A weekly chart is a financial analyst's tool used to track the value movement of stocks, commercial entities, and other economic indicators. Summaries of each week's changes are recorded throughout the year for a more comprehensive perspective of activity than simply reviewing day-to-day numbers. Generally a weekly chart is evaluated by analysts who are searching for trends in financial growth or stagnation. Some varieties of a weekly chart are more detailed than others, and many are translated into easily readable graphs.

Closely following the up and down indicators within a single day generally gives a financial analyst a false impression of the tendencies of the commodity. Graphs and charts that include a week's worth of activity information generally show the true nature of a financial pattern. In many cases, the weekly chart is combined with data from past weeks to produce a chart that shows the change between the weeks of a quarter or year. Technical analysis of multiple years of weekly charting is sometimes used to predict trends and make moves to benefit the company or investor.

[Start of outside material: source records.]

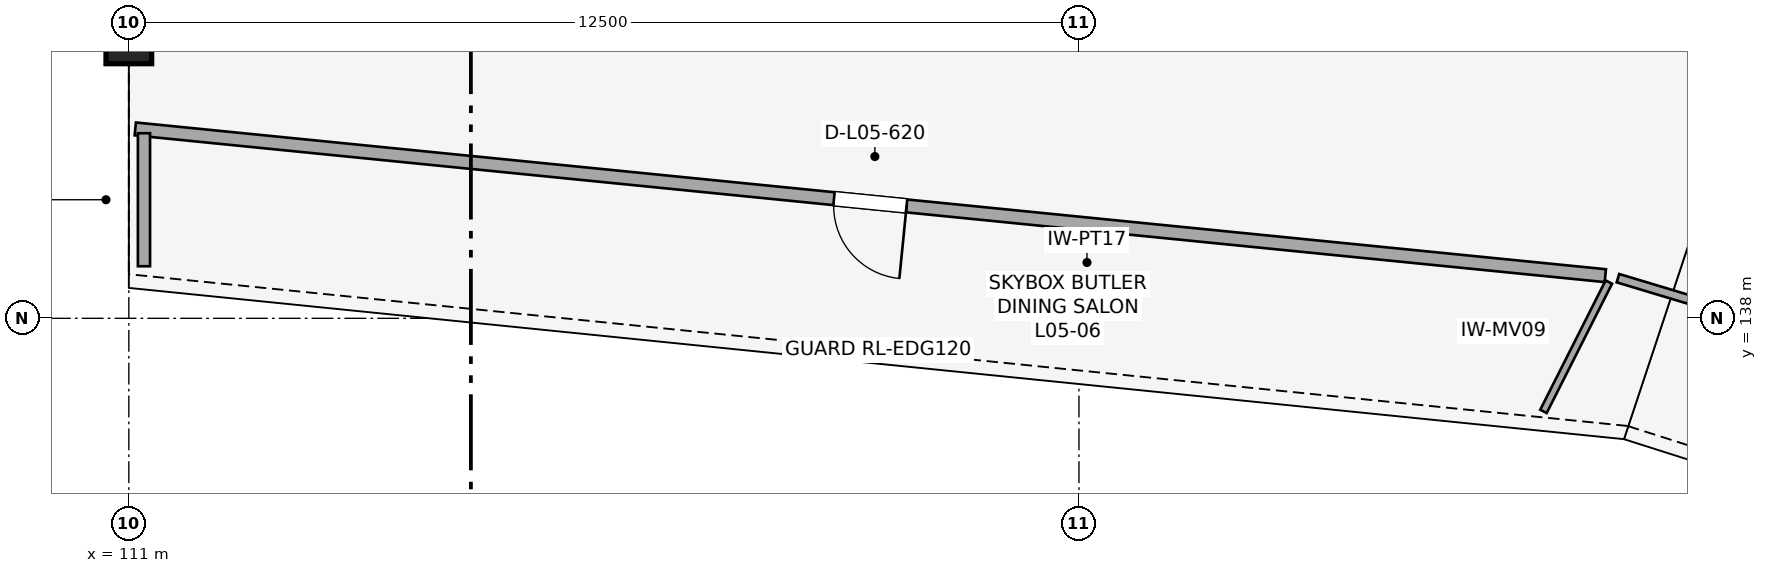
"""IFC4 building model, lengths in metres.
Left out: names, types, materials, properties, quantities, classifications, styles, units other than length and angle.
Written with IfcOpenShell. Run it as: python <this file> out.ifc"""

import sys

from ifc_helpers import new_model, si_unit, direction, frame, frame_2d, origin, origin_2d, place, context, subcontext, project, spatial, rectangle, i_section, extrude, element, fill, save


model = new_model("IFC4")
c1 = context("Model", 3, precision=1e-05, world=origin(), true_north=direction((0.0, 1.0)))
c2 = subcontext(c1, "Body", "Model", "MODEL_VIEW")
j1 = project(units=[si_unit("LENGTHUNIT", "METRE"), si_unit("PLANEANGLEUNIT", "RADIAN")], contexts=[c1])
p1 = place(None, origin())
s1 = spatial("IfcSite", under=j1, at=p1, CompositionType="ELEMENT")
p2 = place(p1, origin())
s2 = spatial("IfcBuilding", under=s1, at=p2, CompositionType="ELEMENT")
p3 = place(p2, frame((0.0, 0.0, 26.2)))
s3 = spatial("IfcBuildingStorey", under=s2, at=p3, CompositionType="ELEMENT", Elevation=26.2)
p4 = place(p3, frame((111.0, 141.5, 0.0), z_axis=(0.0, 0.0, 1.0), x_axis=(0.0, 1.0, 0.0)))
e1 = element("IfcColumn", 1, at=p4, inside=s3, PredefinedType="COLUMN", context=c2, shape_type="SweptSolid", body=[
    extrude(i_section(OverallWidth=0.3, OverallDepth=0.6, WebThickness=0.015, FlangeThickness=0.03, FilletRadius=0.027, at=origin_2d()), origin(), (0.0, 0.0, 1.0), 5.6),
])
p5 = place(p3, frame((137.611, 136.418, 0.0), z_axis=(0.0, 0.0, 1.0), x_axis=(-0.957653782183, 0.28792226984, 0.0)))
e2 = element("IfcWall", 2, at=p5, inside=s3, PredefinedType="MOVABLE", context=c2, shape_type="SweptSolid", body=[
    extrude(rectangle(XDim=7.33, YDim=0.115, at=frame_2d((3.665, 0.0))), origin(), (0.0, 0.0, 1.0), 4.1),
])
p6 = place(p5, frame((1.1, 0.0, 0.0)))
e3 = element("IfcOpeningElement", 3, at=p6, cuts=e2, PredefinedType="OPENING", context=c2, shape_type="SweptSolid", body=[
    extrude(rectangle(XDim=1.68, YDim=2.24, at=frame_2d((0.84, 1.12))), frame((0.0, 0.067, 0.0), z_axis=(0.0, -1.0, 0.0), x_axis=(1.0, 0.0, 0.0)), (0.0, 0.0, 1.0), 0.135),
])
p7 = place(p3, frame((129.611, 136.776, 0.0), z_axis=(0.0, 0.0, 1.0), x_axis=(0.45120504431, 0.892420309041, 0.0)))
e4 = element("IfcWall", 4, at=p7, inside=s3, PredefinedType="MOVABLE", context=c2, shape_type="SweptSolid", body=[
    extrude(rectangle(XDim=1.906, YDim=0.095, at=frame_2d((0.953, 0.0))), origin(), (0.0, 0.0, 1.0), 4.1),
])
p8 = place(p3, frame((130.425, 138.561, 0.0), z_axis=(0.0, 0.0, 1.0), x_axis=(-0.995054213973, 0.099333334058, 0.0)))
e5 = element("IfcWall", 5, at=p8, inside=s3, PredefinedType="PARTITIONING", context=c2, shape_type="SweptSolid", body=[
    extrude(rectangle(XDim=19.436, YDim=0.17, at=frame_2d((9.718, 0.0))), origin(), (0.0, 0.0, 1.0), 4.1),
])
p9 = place(p8, frame((9.238, 0.0, 0.0)))
e6 = element("IfcOpeningElement", 6, at=p9, cuts=e5, PredefinedType="OPENING", context=c2, shape_type="SweptSolid", body=[
    extrude(rectangle(XDim=0.96, YDim=2.38, at=frame_2d((0.48, 1.19))), frame((0.0, 0.095, 0.0), z_axis=(0.0, -1.0, 0.0), x_axis=(1.0, 0.0, 0.0)), (0.0, 0.0, 1.0), 0.19),
])
p10 = place(p3, frame((111.199, 138.685, 0.0), z_axis=(0.0, 0.0, 1.0), x_axis=(0.0, 1.0, 0.0)))
e7 = element("IfcWall", 7, at=p10, inside=s3, PredefinedType="PARTITIONING", context=c2, shape_type="SweptSolid", body=[
    extrude(rectangle(XDim=1.75, YDim=0.16, at=frame_2d((0.875, 0.0))), origin(), (0.0, 0.0, 1.0), 4.1),
])
p11 = place(p9, origin())
e8 = element("IfcDoor", 8, at=p11, inside=s3, OperationType="SINGLE_SWING_LEFT", PredefinedType="DOOR", context=c2, shape_type="SweptSolid", body=[
    extrude(rectangle(XDim=0.96, YDim=2.38, at=frame_2d((0.48, 1.19))), frame((0.0, 0.025, 0.0), z_axis=(0.0, -1.0, 0.0), x_axis=(1.0, 0.0, 0.0)), (0.0, 0.0, 1.0), 0.05),
])
fill(e6, e8)
save(model, sys.argv[1])

Weekly charts are used to track financial activity.
Weekly charts are used to track financial activity.

A graph representation of weekly chart activity that shows the figures from the start and end of the week and the highest and lowest points that were reached is called a weekly candlestick chart. The four key figures — open, high, low, and close — are often abbreviated OHLC. The open and close numbers are charted to form a vertical rectangle that looks like a candle, and the high and low figures are added to the chart as wicks extending from the top and bottom of the rectangle. A candlestick chart is a type of OHLC chart that provides an analyst with enough information to understand the week's overall change as well as how far it swang in either direction to reach that point.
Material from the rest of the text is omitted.